Figure 1: Zoomed 5 nm image. Using Fourier filtering of the larger raw image, the superlattice is removed, and only the crystal lattice remains. Specifically, in filtering, we selected all of the crystallographic Bragg peaks connected by reciprocal lattice vectors appearing in the FFT. (PHYSICAL REVIEW B 93, 045430 (2016))

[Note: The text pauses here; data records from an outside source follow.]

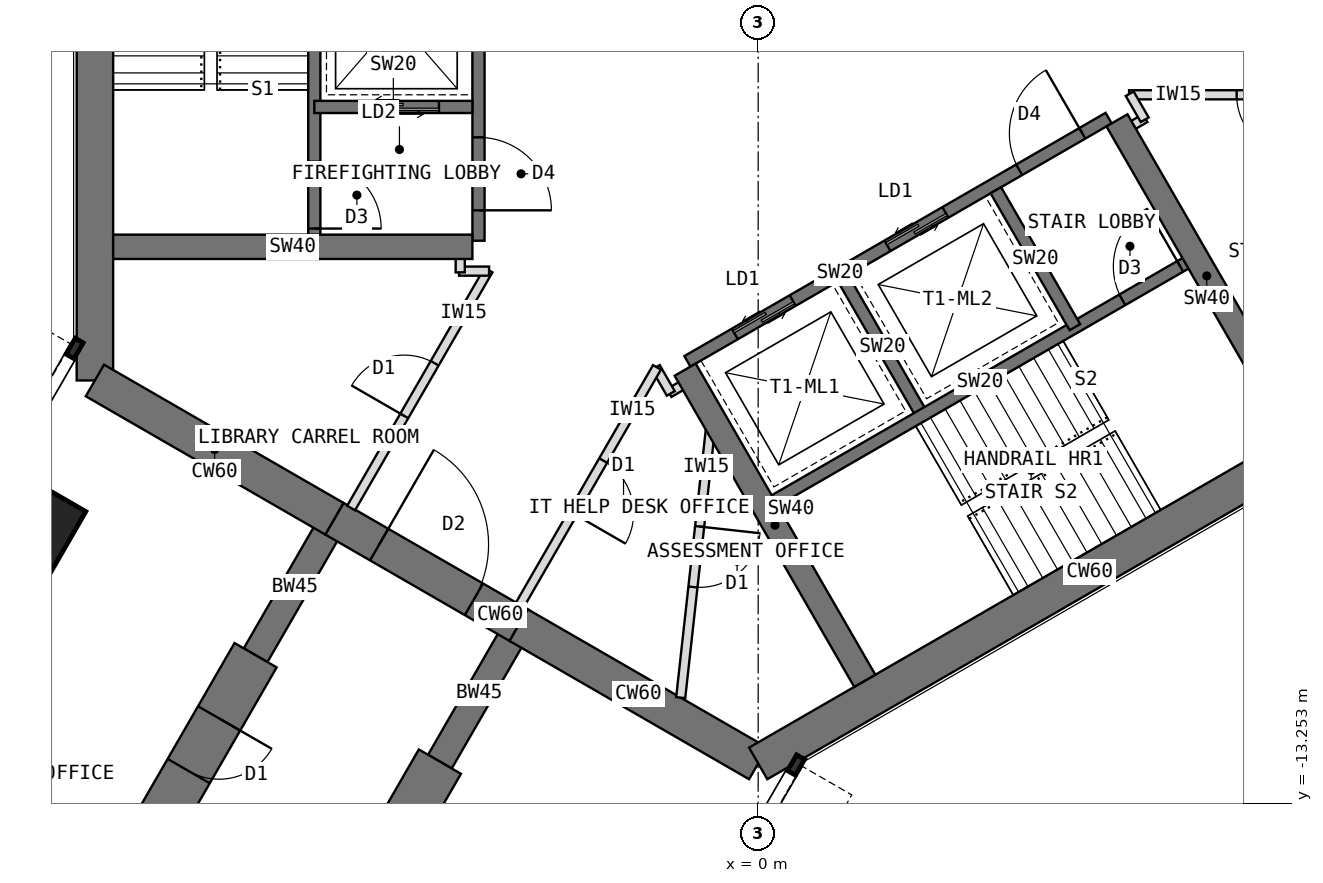
"""IFC4 building model, lengths in metres.
Left out: names, types, materials, properties, quantities, classifications, styles, units other than length and angle.
Written with IfcOpenShell. Run it as: python <this file> out.ifc"""

import sys

from ifc_helpers import new_model, si_unit, direction, frame, frame_2d, origin, origin_2d, place, context, subcontext, project, spatial, rectangle, extrude, element, fill, save


model = new_model("IFC4")
c1 = context("Model", 3, precision=1e-05, world=origin(), true_north=direction((0.0, 1.0)))
c2 = subcontext(c1, "Body", "Model", "MODEL_VIEW")
j1 = project(units=[si_unit("LENGTHUNIT", "METRE"), si_unit("PLANEANGLEUNIT", "RADIAN")], contexts=[c1])
p1 = place(None, origin())
s1 = spatial("IfcSite", under=j1, at=p1, CompositionType="ELEMENT")
p2 = place(p1, origin())
s2 = spatial("IfcBuilding", under=s1, at=p2, CompositionType="ELEMENT")
p3 = place(p2, frame((0.0, 0.0, 121.5)))
s3 = spatial("IfcBuildingStorey", under=s2, at=p3, CompositionType="ELEMENT", Elevation=121.5)
p4 = place(p3, frame((-10.908, 6.298, 0.0), z_axis=(0.0, 0.0, 1.0), x_axis=(0.0, -1.0, 0.0)))
e1 = element("IfcWall", 1, at=p4, inside=s3, PredefinedType="SHEAR", context=c2, shape_type="SweptSolid", body=[
    extrude(rectangle(XDim=12.596, YDim=0.6, at=frame_2d((6.298, 0.0))), origin(), (0.0, 0.0, 1.0), 4.0),
])
p5 = place(p3, frame((-10.908, -6.298, 0.0), z_axis=(0.0, 0.0, 1.0), x_axis=(0.866034513004, -0.499984222037, 0.0)))
e2 = element("IfcWall", 2, at=p5, inside=s3, PredefinedType="SHEAR", context=c2, shape_type="SweptSolid", body=[
    extrude(rectangle(XDim=4.548, YDim=0.6, at=frame_2d((2.274, 0.0))), origin(), (0.0, 0.0, 1.0), 4.0),
])
p6 = place(p3, frame((-6.97, -8.572, 0.0), z_axis=(0.0, 0.0, 1.0), x_axis=(0.866019471182, -0.500010275428, 0.0)))
e3 = element("IfcWall", 3, at=p6, inside=s3, PredefinedType="SHEAR", context=c2, shape_type="SweptSolid", body=[
    extrude(rectangle(XDim=3.5, YDim=0.6, at=frame_2d((1.75, 0.0))), origin(), (0.0, 0.0, 1.0), 4.0),
])
p7 = place(p6, frame((0.85, 0.0, 0.0)))
e4 = element("IfcOpeningElement", 4, at=p7, cuts=e3, PredefinedType="OPENING", context=c2, shape_type="SweptSolid", body=[
    extrude(rectangle(XDim=1.8, YDim=2.1, at=frame_2d((0.9, 1.05))), frame((0.0, 0.31, 0.0), z_axis=(0.0, -1.0, 0.0), x_axis=(1.0, 0.0, 0.0)), (0.0, 0.0, 1.0), 0.62),
])
p8 = place(p3, frame((-3.939, -10.322, 0.0), z_axis=(0.0, 0.0, 1.0), x_axis=(0.866011268655, -0.500024481964, 0.0)))
e5 = element("IfcWall", 5, at=p8, inside=s3, PredefinedType="SHEAR", context=c2, shape_type="SweptSolid", body=[
    extrude(rectangle(XDim=4.548, YDim=0.6, at=frame_2d((2.274, 0.0))), origin(), (0.0, 0.0, 1.0), 4.0),
])
p9 = place(p3, frame((0.0, -12.596, 0.0), z_axis=(0.0, 0.0, 1.0), x_axis=(0.866021940709, 0.500005998175, 0.0)))
e6 = element("IfcWall", 6, at=p9, inside=s3, PredefinedType="SHEAR", context=c2, shape_type="SweptSolid", body=[
    extrude(rectangle(XDim=12.596, YDim=0.6, at=frame_2d((6.298, 0.0))), origin(), (0.0, 0.0, 1.0), 4.0),
])
p10 = place(p3, frame((-3.939, -10.322, 0.0), z_axis=(0.0, 0.0, 1.0), x_axis=(-0.499918158782, -0.866072649678, 0.0)))
e7 = element("IfcWall", 7, at=p10, inside=s3, PredefinedType="SHEAR", context=c2, shape_type="SweptSolid", body=[
    extrude(rectangle(XDim=2.592, YDim=0.45, at=frame_2d((1.296, 0.0))), origin(), (0.0, 0.0, 1.0), 4.0),
])
p11 = place(p3, frame((-5.234, -12.566, 0.0), z_axis=(0.0, 0.0, 1.0), x_axis=(-0.499997557548, -0.86602681393, 0.0)))
e8 = element("IfcWall", 8, at=p11, inside=s3, PredefinedType="SHEAR", context=c2, shape_type="SweptSolid", body=[
    extrude(rectangle(XDim=9.5, YDim=0.8, at=frame_2d((4.75, 0.0))), origin(), (0.0, 0.0, 1.0), 4.0),
])
p12 = place(p11, frame((1.2, 0.0, 0.0)))
e9 = element("IfcOpeningElement", 9, at=p12, cuts=e8, PredefinedType="OPENING", context=c2, shape_type="SweptSolid", body=[
    extrude(rectangle(XDim=1.0, YDim=2.1, at=frame_2d((0.5, 1.05))), frame((0.0, 0.41, 0.0), z_axis=(0.0, -1.0, 0.0), x_axis=(1.0, 0.0, 0.0)), (0.0, 0.0, 1.0), 0.82),
])
p13 = place(p3, frame((-6.97, -8.572, 0.0), z_axis=(0.0, 0.0, 1.0), x_axis=(-0.499988811324, -0.866031863473, 0.0)))
e10 = element("IfcWall", 10, at=p13, inside=s3, PredefinedType="SHEAR", context=c2, shape_type="SweptSolid", body=[
    extrude(rectangle(XDim=2.592, YDim=0.45, at=frame_2d((1.296, 0.0))), origin(), (0.0, 0.0, 1.0), 4.0),
])
p14 = place(p3, frame((-8.266, -10.816, 0.0), z_axis=(0.0, 0.0, 1.0), x_axis=(-0.499997557548, -0.86602681393, 0.0)))
e11 = element("IfcWall", 11, at=p14, inside=s3, PredefinedType="SHEAR", context=c2, shape_type="SweptSolid", body=[
    extrude(rectangle(XDim=9.5, YDim=0.8, at=frame_2d((4.75, 0.0))), origin(), (0.0, 0.0, 1.0), 4.0),
])
p15 = place(p14, frame((1.2, 0.0, 0.0)))
e12 = element("IfcOpeningElement", 12, at=p15, cuts=e11, PredefinedType="OPENING", context=c2, shape_type="SweptSolid", body=[
    extrude(rectangle(XDim=1.0, YDim=2.1, at=frame_2d((0.5, 1.05))), frame((0.0, 0.41, 0.0), z_axis=(0.0, -1.0, 0.0), x_axis=(1.0, 0.0, 0.0)), (0.0, 0.0, 1.0), 0.82),
])
p16 = place(p3, frame((-11.946, -8.691, 0.0), z_axis=(0.0, 0.0, 1.0), x_axis=(0.5, 0.866025403784, 0.0)))
e13 = element("IfcColumn", 13, at=p16, inside=s3, PredefinedType="COLUMN", context=c2, shape_type="SweptSolid", body=[
    extrude(rectangle(XDim=1.3, YDim=1.3, at=origin_2d()), origin(), (0.0, 0.0, 1.0), 4.0),
])
p17 = place(p3, frame((-4.6, 4.0, 0.0), z_axis=(0.0, 0.0, 1.0), x_axis=(0.0, -1.0, 0.0)))
e14 = element("IfcWall", 14, at=p17, inside=s3, PredefinedType="SHEAR", context=c2, shape_type="SweptSolid", body=[
    extrude(rectangle(XDim=8.0, YDim=0.2, at=frame_2d((4.0, 0.0))), origin(), (0.0, 0.0, 1.0), 4.0),
])
p18 = place(p17, frame((6.3, 0.0, 0.0)))
e15 = element("IfcOpeningElement", 15, at=p18, cuts=e14, PredefinedType="OPENING", context=c2, shape_type="SweptSolid", body=[
    extrude(rectangle(XDim=1.2, YDim=2.1, at=frame_2d((0.6, 1.05))), frame((0.0, 0.11, 0.0), z_axis=(0.0, -1.0, 0.0), x_axis=(1.0, 0.0, 0.0)), (0.0, 0.0, 1.0), 0.22),
])
p19 = place(p17, frame((0.9, 0.0, 0.0)))
e16 = element("IfcOpeningElement", 16, at=p19, cuts=e14, PredefinedType="OPENING", context=c2, shape_type="SweptSolid", body=[
    extrude(rectangle(XDim=1.1, YDim=2.2, at=frame_2d((0.55, 1.1))), frame((0.0, 0.11, 0.0), z_axis=(0.0, -1.0, 0.0), x_axis=(1.0, 0.0, 0.0)), (0.0, 0.0, 1.0), 0.22),
])
p20 = place(p3, frame((-4.7, -1.8, 0.0), z_axis=(0.0, 0.0, 1.0), x_axis=(-1.0, 0.0, 0.0)))
e17 = element("IfcWall", 17, at=p20, inside=s3, PredefinedType="SHEAR", context=c2, shape_type="SweptSolid", body=[
    extrude(rectangle(XDim=2.6, YDim=0.2, at=frame_2d((1.3, 0.0))), origin(), (0.0, 0.0, 1.0), 4.0),
])
p21 = place(p20, frame((0.55, 0.0, 0.0)))
e18 = element("IfcOpeningElement", 18, at=p21, cuts=e17, PredefinedType="OPENING", context=c2, shape_type="SweptSolid", body=[
    extrude(rectangle(XDim=1.3, YDim=2.2, at=frame_2d((0.65, 1.1))), frame((0.0, 0.11, 0.0), z_axis=(0.0, -1.0, 0.0), x_axis=(1.0, 0.0, 0.0)), (0.0, 0.0, 1.0), 0.22),
])
p22 = place(p3, frame((-7.3, 4.0, 0.0), z_axis=(0.0, 0.0, 1.0), x_axis=(0.0, -1.0, 0.0)))
e19 = element("IfcWall", 19, at=p22, inside=s3, PredefinedType="SHEAR", context=c2, shape_type="SweptSolid", body=[
    extrude(rectangle(XDim=8.0, YDim=0.2, at=frame_2d((4.0, 0.0))), origin(), (0.0, 0.0, 1.0), 4.0),
])
p23 = place(p22, frame((6.7, 0.0, 0.0)))
e20 = element("IfcOpeningElement", 20, at=p23, cuts=e19, PredefinedType="OPENING", context=c2, shape_type="SweptSolid", body=[
    extrude(rectangle(XDim=1.1, YDim=2.1, at=frame_2d((0.55, 1.05))), frame((0.0, 0.11, 0.0), z_axis=(0.0, -1.0, 0.0), x_axis=(1.0, 0.0, 0.0)), (0.0, 0.0, 1.0), 0.22),
])
p24 = place(p3, frame((-4.7, -4.1, 0.0), z_axis=(0.0, 0.0, 1.0), x_axis=(-1.0, 0.0, 0.0)))
e21 = element("IfcWall", 21, at=p24, inside=s3, PredefinedType="SHEAR", context=c2, shape_type="SweptSolid", body=[
    extrude(rectangle(XDim=5.908, YDim=0.4, at=frame_2d((2.954, 0.0))), origin(), (0.0, 0.0, 1.0), 4.0),
])
p25 = place(p3, frame((-1.164, -5.984, 0.0), z_axis=(0.0, 0.0, 1.0), x_axis=(0.866026010844, 0.49999894854, 0.0)))
e22 = element("IfcWall", 22, at=p25, inside=s3, PredefinedType="SHEAR", context=c2, shape_type="SweptSolid", body=[
    extrude(rectangle(XDim=8.0, YDim=0.2, at=frame_2d((4.0, 0.0))), origin(), (0.0, 0.0, 1.0), 4.0),
])
p26 = place(p25, frame((6.3, 0.0, 0.0)))
e23 = element("IfcOpeningElement", 23, at=p26, cuts=e22, PredefinedType="OPENING", context=c2, shape_type="SweptSolid", body=[
    extrude(rectangle(XDim=1.2, YDim=2.1, at=frame_2d((0.6, 1.05))), frame((0.0, 0.11, 0.0), z_axis=(0.0, -1.0, 0.0), x_axis=(1.0, 0.0, 0.0)), (0.0, 0.0, 1.0), 0.22),
])
p27 = place(p25, frame((0.9, 0.0, 0.0)))
e24 = element("IfcOpeningElement", 24, at=p27, cuts=e22, PredefinedType="OPENING", context=c2, shape_type="SweptSolid", body=[
    extrude(rectangle(XDim=1.1, YDim=2.2, at=frame_2d((0.55, 1.1))), frame((0.0, 0.11, 0.0), z_axis=(0.0, -1.0, 0.0), x_axis=(1.0, 0.0, 0.0)), (0.0, 0.0, 1.0), 0.22),
])
p28 = place(p25, frame((3.8, 0.0, 0.0)))
e25 = element("IfcOpeningElement", 25, at=p28, cuts=e22, PredefinedType="OPENING", context=c2, shape_type="SweptSolid", body=[
    extrude(rectangle(XDim=1.1, YDim=2.2, at=frame_2d((0.55, 1.1))), frame((0.0, 0.11, 0.0), z_axis=(0.0, -1.0, 0.0), x_axis=(1.0, 0.0, 0.0)), (0.0, 0.0, 1.0), 0.22),
])
p29 = place(p3, frame((1.397, -4.62, 0.0), z_axis=(0.0, 0.0, 1.0), x_axis=(0.499936506574, -0.866062058628, 0.0)))
e26 = element("IfcWall", 26, at=p29, inside=s3, PredefinedType="SHEAR", context=c2, shape_type="SweptSolid", body=[
    extrude(rectangle(XDim=2.6, YDim=0.2, at=frame_2d((1.3, 0.0))), origin(), (0.0, 0.0, 1.0), 4.0),
])
p30 = place(p3, frame((3.909, -3.17, 0.0), z_axis=(0.0, 0.0, 1.0), x_axis=(0.49997716683, -0.86603858612, 0.0)))
e27 = element("IfcWall", 27, at=p30, inside=s3, PredefinedType="SHEAR", context=c2, shape_type="SweptSolid", body=[
    extrude(rectangle(XDim=2.6, YDim=0.2, at=frame_2d((1.3, 0.0))), origin(), (0.0, 0.0, 1.0), 4.0),
])
p31 = place(p3, frame((0.186, -8.322, 0.0), z_axis=(0.0, 0.0, 1.0), x_axis=(0.866026010844, 0.49999894854, 0.0)))
e28 = element("IfcWall", 28, at=p31, inside=s3, PredefinedType="SHEAR", context=c2, shape_type="SweptSolid", body=[
    extrude(rectangle(XDim=8.0, YDim=0.2, at=frame_2d((4.0, 0.0))), origin(), (0.0, 0.0, 1.0), 4.0),
])
p32 = place(p31, frame((6.7, 0.0, 0.0)))
e29 = element("IfcOpeningElement", 29, at=p32, cuts=e28, PredefinedType="OPENING", context=c2, shape_type="SweptSolid", body=[
    extrude(rectangle(XDim=1.1, YDim=2.1, at=frame_2d((0.55, 1.05))), frame((0.0, 0.11, 0.0), z_axis=(0.0, -1.0, 0.0), x_axis=(1.0, 0.0, 0.0)), (0.0, 0.0, 1.0), 0.22),
])
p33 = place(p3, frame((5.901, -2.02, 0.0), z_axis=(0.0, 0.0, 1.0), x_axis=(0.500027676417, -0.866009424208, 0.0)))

We use scanning tunneling microscopy to study the lithium molybdenum purple bronze (Li0.9Mo6O17) at room temperature. Our measurements allow us to identify the single-crystal cleave plane and show that it is possible to obtain clean cleaved surfaces reflecting the crystal structure without the complications of nanoscale surface disorder. In addition to the crystal lattice, we observe a coexisting discommensurate superlattice with wave vectors q = 0.5a^∗ ± 0.25b^∗. We propose that the origin of the superstructure is a surface reconstruction that is driven by cleaving along a crystal plane that contains in-plane MoO₄ tetrahedra connected to out-of-plane MoO₆ octahedra through corner-sharing oxygens. When combined with spectroscopic measurements, our studies show a promising avenue through which to study the complex physics within Li_0.9Mo₆O₁₇.

Credits:
Ling Fu,¹  Aaron M. Kraft,¹  Martha Greenblatt,²  and Michael C. Boyer¹,*  (Phys. Rev. B 93, 045430 (2016))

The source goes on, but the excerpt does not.